Devo acrescentar que, dentro de um automóvel, sinto-me tão absolutamente só e segura como no ventre materno e, além do mais, não havia notado as coxas. A bem da verdade, fiz tudo para livrar-me dele, mas o destino conspirou:

Destino I: Motoca seguiu-me até vaga da zona azul e, após observar divertido cerca de dezoito manobras humilhantes e mal sucedidas, ofereceu-se para estacionar o automóvel de madame.

Destino II: Acertou na primeira (não que fosse muito bom, ruim sou eu, especialmente se observada por crianças. Elas me põem nervosa). 

Destino III: Obrigada / Você tem telefone? / Não me importa nem um pouco deixar que os homens fa . . . / Estou sem lápis / Mas quantos anos você tem? / Oitenta e cinco. Tem caneta? / Não saberia exatamente o que fazer com você/ (Risinho pilantra, procura pedaço de papel na carteira) / 62-3145. Tchau, tenho hora no médico / Médico? / Analista / Pra que o psiquiatra, garota? / Analista / ? Analista / Demora pra explicar / Eu telefono / Então telefona / Meu nome é Robi / Wood? / O quê? / O meu é Diana. Tchau.

O tempo fluiu (como sempre) . Passaram-se duas semanas. Não paro em casa, mas o garoto tinha um faro diabólico. Sempre me pegava nos intervalos da muda de roupa, banho, jantar e outra escapada. Enquanto isso eu: a) estava sendo perseguida por um cineasta maldito; b) batia cartas comerciais; c) fazia um tratamento dentário intensivo; d) chateava-me com os amigos no bar; e) ou seja, merdava.
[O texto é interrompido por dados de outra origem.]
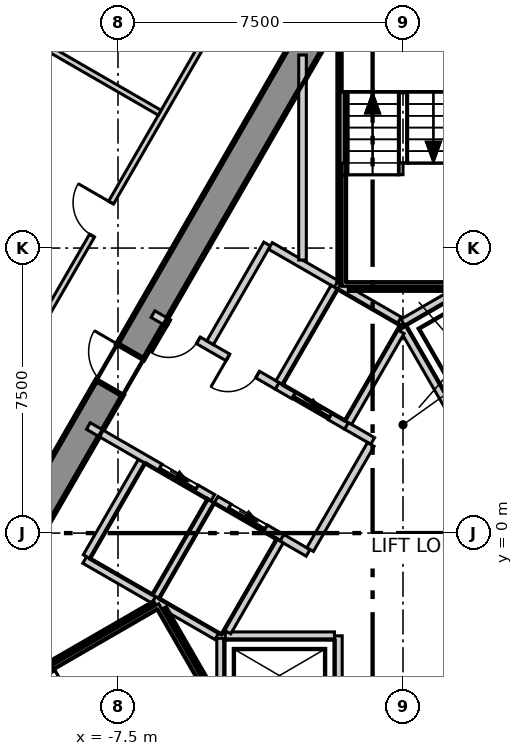
"""IFC4 building model, lengths in metres.
Left out: names, types, materials, properties, quantities, classifications, styles, units other than length and angle.
Written with IfcOpenShell. Run it as: python <this file> out.ifc"""

import sys

from ifc_helpers import new_model, si_unit, direction, frame, frame_2d, origin, place, context, subcontext, project, spatial, polyline, rectangle, outline, extrude, element, fill, save


model = new_model("IFC4")
c1 = context("Model", 3, precision=1e-05, world=origin(), true_north=direction((0.0, 1.0)))
c2 = subcontext(c1, "Body", "Model", "MODEL_VIEW")
j1 = project(units=[si_unit("LENGTHUNIT", "METRE"), si_unit("PLANEANGLEUNIT", "RADIAN")], contexts=[c1])
p1 = place(None, origin())
s1 = spatial("IfcSite", under=j1, at=p1, CompositionType="ELEMENT")
p2 = place(p1, origin())
s2 = spatial("IfcBuilding", under=s1, at=p2, CompositionType="ELEMENT")
p3 = place(p2, frame((0.0, 0.0, 176.3)))
s3 = spatial("IfcBuildingStorey", under=s2, at=p3, CompositionType="ELEMENT", Elevation=176.3)
p4 = place(p3, frame((-1.674, 14.3, -0.3), z_axis=(0.0, 0.0, 1.0), x_axis=(-0.499995765644, -0.866027848477, 0.0)))
e1 = element("IfcWall", 1, at=p4, inside=s3, PredefinedType="SHEAR", context=c2, shape_type="SweptSolid", body=[
    extrude(outline(polyline([(-0.231, -0.4), (1.732, -0.4), (3.695, -0.4), (5.658, -0.4), (7.621, -0.4), (9.584, -0.4), (11.547, -0.4), (13.51, -0.4), (15.473, -0.4), (17.436, -0.4), (19.399, -0.4), (21.362, -0.4), (23.325, -0.4), (22.863, 0.4), (20.977, 0.4), (19.091, 0.4), (17.205, 0.4), (15.319, 0.4), (13.433, 0.4), (11.547, 0.4), (9.661, 0.4), (7.775, 0.4), (5.889, 0.4), (4.003, 0.4), (2.117, 0.4), (0.231, 0.4), (-0.231, -0.4)])), origin(), (0.0, 0.0, 1.0), 4.2),
])
p5 = place(p4, frame((10.997, 0.0, 0.3)))
e2 = element("IfcOpeningElement", 2, at=p5, cuts=e1, PredefinedType="OPENING", context=c2, shape_type="SweptSolid", body=[
    extrude(rectangle(XDim=1.1, YDim=2.1, at=frame_2d((0.55, 1.05))), frame((0.0, 0.41, 0.0), z_axis=(0.0, -1.0, 0.0), x_axis=(1.0, 0.0, 0.0)), (0.0, 0.0, 1.0), 0.82),
])
p6 = place(p3, frame((-2.926, 32.654, 0.0), z_axis=(0.0, 0.0, 1.0), x_axis=(-0.499994049952, -0.866028839019, 0.0)))
e3 = element("IfcWall", 3, at=p6, inside=s3, PredefinedType="ELEMENTEDWALL", context=c2, shape_type="SweptSolid", body=[
    extrude(rectangle(XDim=53.613, YDim=0.2, at=frame_2d((26.806, 0.0))), origin(), (0.0, 0.0, 1.0), 3.9),
])
p7 = place(p6, frame((2.042, 0.0, 0.9)))
e4 = element("IfcOpeningElement", 4, at=p7, cuts=e3, PredefinedType="OPENING", context=c2, shape_type="SweptSolid", body=[
    extrude(rectangle(XDim=4.9, YDim=2.5, at=frame_2d((2.45, 1.25))), frame((0.0, 0.11, 0.0), z_axis=(0.0, -1.0, 0.0), x_axis=(1.0, 0.0, 0.0)), (0.0, 0.0, 1.0), 0.22),
])
p8 = place(p6, frame((8.42, 0.0, 0.9)))
e5 = element("IfcOpeningElement", 5, at=p8, cuts=e3, PredefinedType="OPENING", context=c2, shape_type="SweptSolid", body=[
    extrude(rectangle(XDim=4.9, YDim=2.5, at=frame_2d((2.45, 1.25))), frame((0.0, 0.11, 0.0), z_axis=(0.0, -1.0, 0.0), x_axis=(1.0, 0.0, 0.0)), (0.0, 0.0, 1.0), 0.22),
])
p9 = place(p6, frame((14.798, 0.0, 0.9)))
e6 = element("IfcOpeningElement", 6, at=p9, cuts=e3, PredefinedType="OPENING", context=c2, shape_type="SweptSolid", body=[
    extrude(rectangle(XDim=4.9, YDim=2.5, at=frame_2d((2.45, 1.25))), frame((0.0, 0.11, 0.0), z_axis=(0.0, -1.0, 0.0), x_axis=(1.0, 0.0, 0.0)), (0.0, 0.0, 1.0), 0.22),
])
p10 = place(p6, frame((21.177, 0.0, 0.9)))
e7 = element("IfcOpeningElement", 7, at=p10, cuts=e3, PredefinedType="OPENING", context=c2, shape_type="SweptSolid", body=[
    extrude(rectangle(XDim=4.9, YDim=2.5, at=frame_2d((2.45, 1.25))), frame((0.0, 0.11, 0.0), z_axis=(0.0, -1.0, 0.0), x_axis=(1.0, 0.0, 0.0)), (0.0, 0.0, 1.0), 0.22),
])
p11 = place(p6, frame((27.555, 0.0, 0.9)))
e8 = element("IfcOpeningElement", 8, at=p11, cuts=e3, PredefinedType="OPENING", context=c2, shape_type="SweptSolid", body=[
    extrude(rectangle(XDim=4.9, YDim=2.5, at=frame_2d((2.45, 1.25))), frame((0.0, 0.11, 0.0), z_axis=(0.0, -1.0, 0.0), x_axis=(1.0, 0.0, 0.0)), (0.0, 0.0, 1.0), 0.22),
])
p12 = place(p6, frame((33.934, 0.0, 0.9)))
e9 = element("IfcOpeningElement", 9, at=p12, cuts=e3, PredefinedType="OPENING", context=c2, shape_type="SweptSolid", body=[
    extrude(rectangle(XDim=4.9, YDim=2.5, at=frame_2d((2.45, 1.25))), frame((0.0, 0.11, 0.0), z_axis=(0.0, -1.0, 0.0), x_axis=(1.0, 0.0, 0.0)), (0.0, 0.0, 1.0), 0.22),
])
p13 = place(p6, frame((40.312, 0.0, 0.9)))
e10 = element("IfcOpeningElement", 10, at=p13, cuts=e3, PredefinedType="OPENING", context=c2, shape_type="SweptSolid", body=[
    extrude(rectangle(XDim=4.9, YDim=2.5, at=frame_2d((2.45, 1.25))), frame((0.0, 0.11, 0.0), z_axis=(0.0, -1.0, 0.0), x_axis=(1.0, 0.0, 0.0)), (0.0, 0.0, 1.0), 0.22),
])
p14 = place(p6, frame((46.69, 0.0, 0.9)))
e11 = element("IfcOpeningElement", 11, at=p14, cuts=e3, PredefinedType="OPENING", context=c2, shape_type="SweptSolid", body=[
    extrude(rectangle(XDim=4.9, YDim=2.5, at=frame_2d((2.45, 1.25))), frame((0.0, 0.11, 0.0), z_axis=(0.0, -1.0, 0.0), x_axis=(1.0, 0.0, 0.0)), (0.0, 0.0, 1.0), 0.22),
])
p15 = place(p3, frame((-15.993, -5.7, 0.0), z_axis=(0.0, 0.0, 1.0), x_axis=(0.500007877715, 0.866020855536, 0.0)))
e12 = element("IfcWall", 12, at=p15, inside=s3, PredefinedType="PARTITIONING", context=c2, shape_type="SweptSolid", body=[
    extrude(rectangle(XDim=25.865, YDim=0.15, at=frame_2d((12.933, 0.0))), origin(), (0.0, 0.0, 1.0), 3.9),
])
p16 = place(p15, frame((21.988, 0.0, 0.0)))
e13 = element("IfcOpeningElement", 13, at=p16, cuts=e12, PredefinedType="OPENING", context=c2, shape_type="SweptSolid", body=[
    extrude(rectangle(XDim=1.2, YDim=2.1, at=frame_2d((0.6, 1.05))), frame((0.0, 0.085, 0.0), z_axis=(0.0, -1.0, 0.0), x_axis=(1.0, 0.0, 0.0)), (0.0, 0.0, 1.0), 0.17),
])
p17 = place(p15, frame((15.622, 0.0, 0.0)))
e14 = element("IfcOpeningElement", 14, at=p17, cuts=e12, PredefinedType="OPENING", context=c2, shape_type="SweptSolid", body=[
    extrude(rectangle(XDim=1.0, YDim=2.1, at=frame_2d((0.5, 1.05))), frame((0.0, 0.085, 0.0), z_axis=(0.0, -1.0, 0.0), x_axis=(1.0, 0.0, 0.0)), (0.0, 0.0, 1.0), 0.17),
])
p18 = place(p15, frame((9.244, 0.0, 0.0)))
e15 = element("IfcOpeningElement", 15, at=p18, cuts=e12, PredefinedType="OPENING", context=c2, shape_type="SweptSolid", body=[
    extrude(rectangle(XDim=1.0, YDim=2.1, at=frame_2d((0.5, 1.05))), frame((0.0, 0.085, 0.0), z_axis=(0.0, -1.0, 0.0), x_axis=(1.0, 0.0, 0.0)), (0.0, 0.0, 1.0), 0.17),
])
p19 = place(p15, frame((2.678, 0.0, 0.0)))
e16 = element("IfcOpeningElement", 16, at=p19, cuts=e12, PredefinedType="OPENING", context=c2, shape_type="SweptSolid", body=[
    extrude(rectangle(XDim=1.2, YDim=2.1, at=frame_2d((0.6, 1.05))), frame((0.0, 0.085, 0.0), z_axis=(0.0, -1.0, 0.0), x_axis=(1.0, 0.0, 0.0)), (0.0, 0.0, 1.0), 0.17),
])
p20 = place(p3, frame((-13.145, 14.954, 0.0), z_axis=(0.0, 0.0, 1.0), x_axis=(0.866023191782, -0.500003831281, 0.0)))
e17 = element("IfcWall", 17, at=p20, inside=s3, PredefinedType="PARTITIONING", context=c2, shape_type="SweptSolid", body=[
    extrude(rectangle(XDim=7.786, YDim=0.15, at=frame_2d((3.893, 0.0))), origin(), (0.0, 0.0, 1.0), 3.9),
])
p21 = place(p3, frame((-8.376, -0.707, 0.0), z_axis=(0.0, 0.0, 1.0), x_axis=(0.866067520717, -0.499927044236, 0.0)))
e18 = element("IfcWall", 18, at=p21, inside=s3, PredefinedType="SOLIDWALL", context=c2, shape_type="SweptSolid", body=[
    extrude(rectangle(XDim=2.1, YDim=0.2, at=frame_2d((1.05, 0.0))), origin(), (0.0, 0.0, 1.0), 3.9),
])
p22 = place(p3, frame((-8.326, -0.62, 0.0), z_axis=(0.0, 0.0, 1.0), x_axis=(0.500023687443, 0.866011727401, 0.0)))
e19 = element("IfcWall", 19, at=p22, inside=s3, PredefinedType="SOLIDWALL", context=c2, shape_type="SweptSolid", body=[
    extrude(rectangle(XDim=2.9, YDim=0.2, at=frame_2d((1.45, 0.0))), origin(), (0.0, 0.0, 1.0), 3.9),
])
p23 = place(p3, frame((-4.8, -6.9, 0.0), z_axis=(0.0, 0.0, 1.0), x_axis=(0.0, 1.0, 0.0)))
e20 = element("IfcWall", 20, at=p23, inside=s3, PredefinedType="SOLIDWALL", context=c2, shape_type="SweptSolid", body=[
    extrude(rectangle(XDim=4.131, YDim=0.2, at=frame_2d((2.065, 0.0))), origin(), (0.0, 0.0, 1.0), 3.9),
])
p24 = place(p3, frame((-1.7, -8.58, 0.0), z_axis=(0.0, 0.0, 1.0), x_axis=(0.0, 1.0, 0.0)))
e21 = element("IfcWall", 21, at=p24, inside=s3, PredefinedType="SOLIDWALL", context=c2, shape_type="SweptSolid", body=[
    extrude(rectangle(XDim=5.877, YDim=0.2, at=frame_2d((2.938, 0.0))), origin(), (0.0, 0.0, 1.0), 3.9),
])
p25 = place(p24, frame((0.38, 0.0, 0.0)))
e22 = element("IfcOpeningElement", 22, at=p25, cuts=e21, PredefinedType="OPENING", context=c2, shape_type="SweptSolid", body=[
    extrude(rectangle(XDim=0.9, YDim=2.1, at=frame_2d((0.45, 1.05))), frame((0.0, 0.11, 0.0), z_axis=(0.0, -1.0, 0.0), x_axis=(1.0, 0.0, 0.0)), (0.0, 0.0, 1.0), 0.22),
])
p26 = place(p3, frame((-4.676, -2.7, 0.0), z_axis=(0.0, 0.0, 1.0), x_axis=(1.0, 0.0, 0.0)))
e23 = element("IfcWall", 23, at=p26, inside=s3, PredefinedType="SOLIDWALL", context=c2, shape_type="SweptSolid", body=[
    extrude(rectangle(XDim=2.873, YDim=0.2, at=frame_2d((1.437, 0.0))), origin(), (0.0, 0.0, 1.0), 3.9),
])
p27 = place(p3, frame((-0.002, 5.542, 0.0), z_axis=(0.0, 0.0, 1.0), x_axis=(0.866103910842, 0.499863997127, 0.0)))
e24 = element("IfcWall", 24, at=p27, inside=s3, PredefinedType="SOLIDWALL", context=c2, shape_type="SweptSolid", body=[
    extrude(rectangle(XDim=4.131, YDim=0.2, at=frame_2d((2.065, 0.0))), origin(), (0.0, 0.0, 1.0), 3.9),
])
p28 = place(p3, frame((0.0, 5.4, 0.0), z_axis=(0.0, 0.0, 1.0), x_axis=(0.500103862429, -0.865965430478, 0.0)))
e25 = element("IfcWall", 25, at=p28, inside=s3, PredefinedType="SOLIDWALL", context=c2, shape_type="SweptSolid", body=[
    extrude(rectangle(XDim=2.973, YDim=0.2, at=frame_2d((1.487, 0.0))), origin(), (0.0, 0.0, 1.0), 3.9),
])
p29 = place(p3, frame((-8.28, 2.818, 0.0), z_axis=(0.0, 0.0, 1.0), x_axis=(0.86600175068, -0.50004096614, 0.0)))
e26 = element("IfcWall", 26, at=p29, inside=s3, PredefinedType="SOLIDWALL", context=c2, shape_type="SweptSolid", body=[
    extrude(rectangle(XDim=3.782, YDim=0.2, at=frame_2d((1.891, 0.0))), origin(), (0.0, 0.0, 1.0), 3.9),
])
p30 = place(p29, frame((2.18, 0.0, 0.0)))
e27 = element("IfcOpeningElement", 27, at=p30, cuts=e26, PredefinedType="OPENING", context=c2, shape_type="SweptSolid", body=[
    extrude(rectangle(XDim=1.1, YDim=2.1, at=frame_2d((0.55, 1.05))), frame((0.0, 0.11, 0.0), z_axis=(0.0, -1.0, 0.0), x_axis=(1.0, 0.0, 0.0)), (0.0, 0.0, 1.0), 0.22),
])
p31 = place(p3, frame((-3.188, -0.122, 0.0), z_axis=(0.0, 0.0, 1.0), x_axis=(0.865705793592, -0.50055317294, 0.0)))
e28 = element("IfcWall", 28, at=p31, inside=s3, PredefinedType="SOLIDWALL", context=c2, shape_type="SweptSolid", body=[
    extrude(rectangle(XDim=0.797, YDim=0.2, at=frame_2d((0.398, 0.0))), origin(), (0.0, 0.0, 1.0), 3.9),
])
p32 = place(p3, frame((-6.58, 5.762, 0.0), z_axis=(0.0, 0.0, 1.0), x_axis=(0.866029704776, -0.49999255039, 0.0)))
e29 = element("IfcWall", 29, at=p32, inside=s3, PredefinedType="SOLIDWALL", context=c2, shape_type="SweptSolid", body=[
    extrude(rectangle(XDim=3.782, YDim=0.2, at=frame_2d((1.891, 0.0))), origin(), (0.0, 0.0, 1.0), 3.9),
])
p33 = place(p32, frame((2.279, 0.0, 0.0)))
e30 = element("IfcOpeningElement", 30, at=p33, cuts=e29, PredefinedType="OPENING", context=c2, shape_type="SweptSolid", body=[
    extrude(rectangle(XDim=0.9, YDim=2.1, at=frame_2d((0.45, 1.05))), frame((0.0, 0.11, 0.0), z_axis=(0.0, -1.0, 0.0), x_axis=(1.0, 0.0, 0.0)), (0.0, 0.0, 1.0), 0.22),
])
p34 = place(p32, frame((0.479, 0.0, 0.0)))
e31 = element("IfcOpeningElement", 31, at=p34, cuts=e29, PredefinedType="OPENING", context=c2, shape_type="SweptSolid", body=[
    extrude(rectangle(XDim=0.9, YDim=2.1, at=frame_2d((0.45, 1.05))), frame((0.0, 0.11, 0.0), z_axis=(0.0, -1.0, 0.0), x_axis=(1.0, 0.0, 0.0)), (0.0, 0.0, 1.0), 0.22),
])
p35 = place(p3, frame((-1.488, 2.822, 0.0), z_axis=(0.0, 0.0, 1.0), x_axis=(0.866236612152, -0.499633997809, 0.0)))
e32 = element("IfcWall", 32, at=p35, inside=s3, PredefinedType="SOLIDWALL", context=c2, shape_type="SweptSolid", body=[
    extrude(rectangle(XDim=0.796, YDim=0.2, at=frame_2d((0.398, 0.0))), origin(), (0.0, 0.0, 1.0), 3.9),
])
p36 = place(p3, frame((-5.076, 5.009, 0.0), z_axis=(0.0, 0.0, 1.0), x_axis=(0.50002537861, 0.866010750942, 0.0)))
e33 = element("IfcWall", 33, at=p36, inside=s3, PredefinedType="SOLIDWALL", context=c2, shape_type="SweptSolid", body=[
    extrude(rectangle(XDim=3.0, YDim=0.2, at=frame_2d((1.5, 0.0))), origin(), (0.0, 0.0, 1.0), 3.9),
])
p37 = place(p3, frame((-3.489, 7.557, 0.0), z_axis=(0.0, 0.0, 1.0), x_axis=(0.866010750942, -0.50002537861, 0.0)))
e34 = element("IfcWall", 34, at=p37, inside=s3, PredefinedType="SOLIDWALL", context=c2, shape_type="SweptSolid", body=[
    extrude(rectangle(XDim=2.0, YDim=0.2, at=frame_2d((1.0, 0.0))), origin(), (0.0, 0.0, 1.0), 3.9),
])
p38 = place(p3, frame((-2.444, -0.433, 0.0), z_axis=(0.0, 0.0, 1.0), x_axis=(0.500035624827, 0.866004834804, 0.0)))
e35 = element("IfcWall", 35, at=p38, inside=s3, PredefinedType="SOLIDWALL", context=c2, shape_type="SweptSolid", body=[
    extrude(rectangle(XDim=3.194, YDim=0.2, at=frame_2d((1.597, 0.0))), origin(), (0.0, 0.0, 1.0), 3.9),
])
p39 = place(p3, frame((-6.557, -1.757, 0.0), z_axis=(0.0, 0.0, 1.0), x_axis=(0.8659754619, -0.500086491905, 0.0)))
e36 = element("IfcWall", 36, at=p39, inside=s3, PredefinedType="SOLIDWALL", context=c2, shape_type="SweptSolid", body=[
    extrude(rectangle(XDim=1.916, YDim=0.2, at=frame_2d((0.958, 0.0))), origin(), (0.0, 0.0, 1.0), 3.9),
])
p40 = place(p3, frame((-6.507, -1.67, 0.0), z_axis=(0.0, 0.0, 1.0), x_axis=(0.50012328804, 0.865954211699, 0.0)))
e37 = element("IfcWall", 37, at=p40, inside=s3, PredefinedType="SOLIDWALL", context=c2, shape_type="SweptSolid", body=[
    extrude(rectangle(XDim=2.9, YDim=0.2, at=frame_2d((1.45, 0.0))), origin(), (0.0, 0.0, 1.0), 3.9),
])
p41 = place(p3, frame((-4.92, 0.878, 0.0), z_axis=(0.0, 0.0, 1.0), x_axis=(0.866010750942, -0.50002537861, 0.0)))
e38 = element("IfcWall", 38, at=p41, inside=s3, PredefinedType="SOLIDWALL", context=c2, shape_type="SweptSolid", body=[
    extrude(rectangle(XDim=2.0, YDim=0.2, at=frame_2d((1.0, 0.0))), origin(), (0.0, 0.0, 1.0), 3.9),
])
p42 = place(p41, frame((0.4, 0.0, 0.0)))
e39 = element("IfcOpeningElement", 39, at=p42, cuts=e38, PredefinedType="OPENING", context=c2, shape_type="SweptSolid", body=[
    extrude(rectangle(XDim=1.1, YDim=2.1, at=frame_2d((0.55, 1.05))), frame((0.0, 0.11, 0.0), z_axis=(0.0, -1.0, 0.0), x_axis=(1.0, 0.0, 0.0)), (0.0, 0.0, 1.0), 0.22),
])
p43 = place(p3, frame((-4.619, -2.6, 0.0), z_axis=(0.0, 0.0, 1.0), x_axis=(0.50009492287, 0.865970593103, 0.0)))
e40 = element("IfcWall", 40, at=p43, inside=s3, PredefinedType="SOLIDWALL", context=c2, shape_type="SweptSolid", body=[
    extrude(rectangle(XDim=2.761, YDim=0.2, at=frame_2d((1.381, 0.0))), origin(), (0.0, 0.0, 1.0), 3.9),
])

Certa tarde, final de expediente no escritório, eis Robi que surge ao lado da minha escrivaninha: vamos sair? Caninos pingando sangue. Sem saber como, ele vencera as estruturas de aço da burocracia e, munido de crachás, credenciais de apoio e um sorriso tentador, me apanhara sobre uma IBM, dois diretores afoitos e quarenta e cinco atentos funcionários entrincheirados na vastidão do expediente. Como se eu não tivesse coisa melhor a fazer no mundo que sair com ele. E não mesmo. Para mim a situação se afiguraria esmagadora, mas Robi era um caçador nato. De toda uma vasta multidão de admiradores, ele se destacara surpreendendo-me na minha própria cidadela. Ele, Robi, o motoqueiro. Era incrível.

— Sente-se, sorri divertida, já termino essa carta. Mas meus dedos tremiam. Cruzar ou não as pernas? Dirigir-me como agora ao meu chefe? E se ele dirigir-se a mim? Teria forças psicológicas para proceder aos processos e pareceres? Então era assim que eu sobrevivia? Aquele garoto de jeans, blusão de couro e botas de montaria, sentado displicente numa das poltronas da sala de espera, transformara-se no meu inquisidor, meu juiz de alçada, meu anjo vermelho, Lúcifer, o decaído, piscando de sua torre flamejante, reduzindo a cinzas e ao ridículo aquele santuário simétrico da burocracia. E não tinha consciência disso. Tanto melhor. Consciência tenho eu, por isso as coisas dão no que dão. Ficam mal paradas. A evidente oposição do garoto ao ambiente produzia-se como um fenômeno natural. Bastaria que ele (ou nós) acordássemos para que o encanto fosse desfeito. E as oposições são tão tentadoras, tão novela das oito, que eu já andava ansiando por uma paixão lamacenta. Na verdade, estava me atirando dentro dela. Com maiô executivo e tudo.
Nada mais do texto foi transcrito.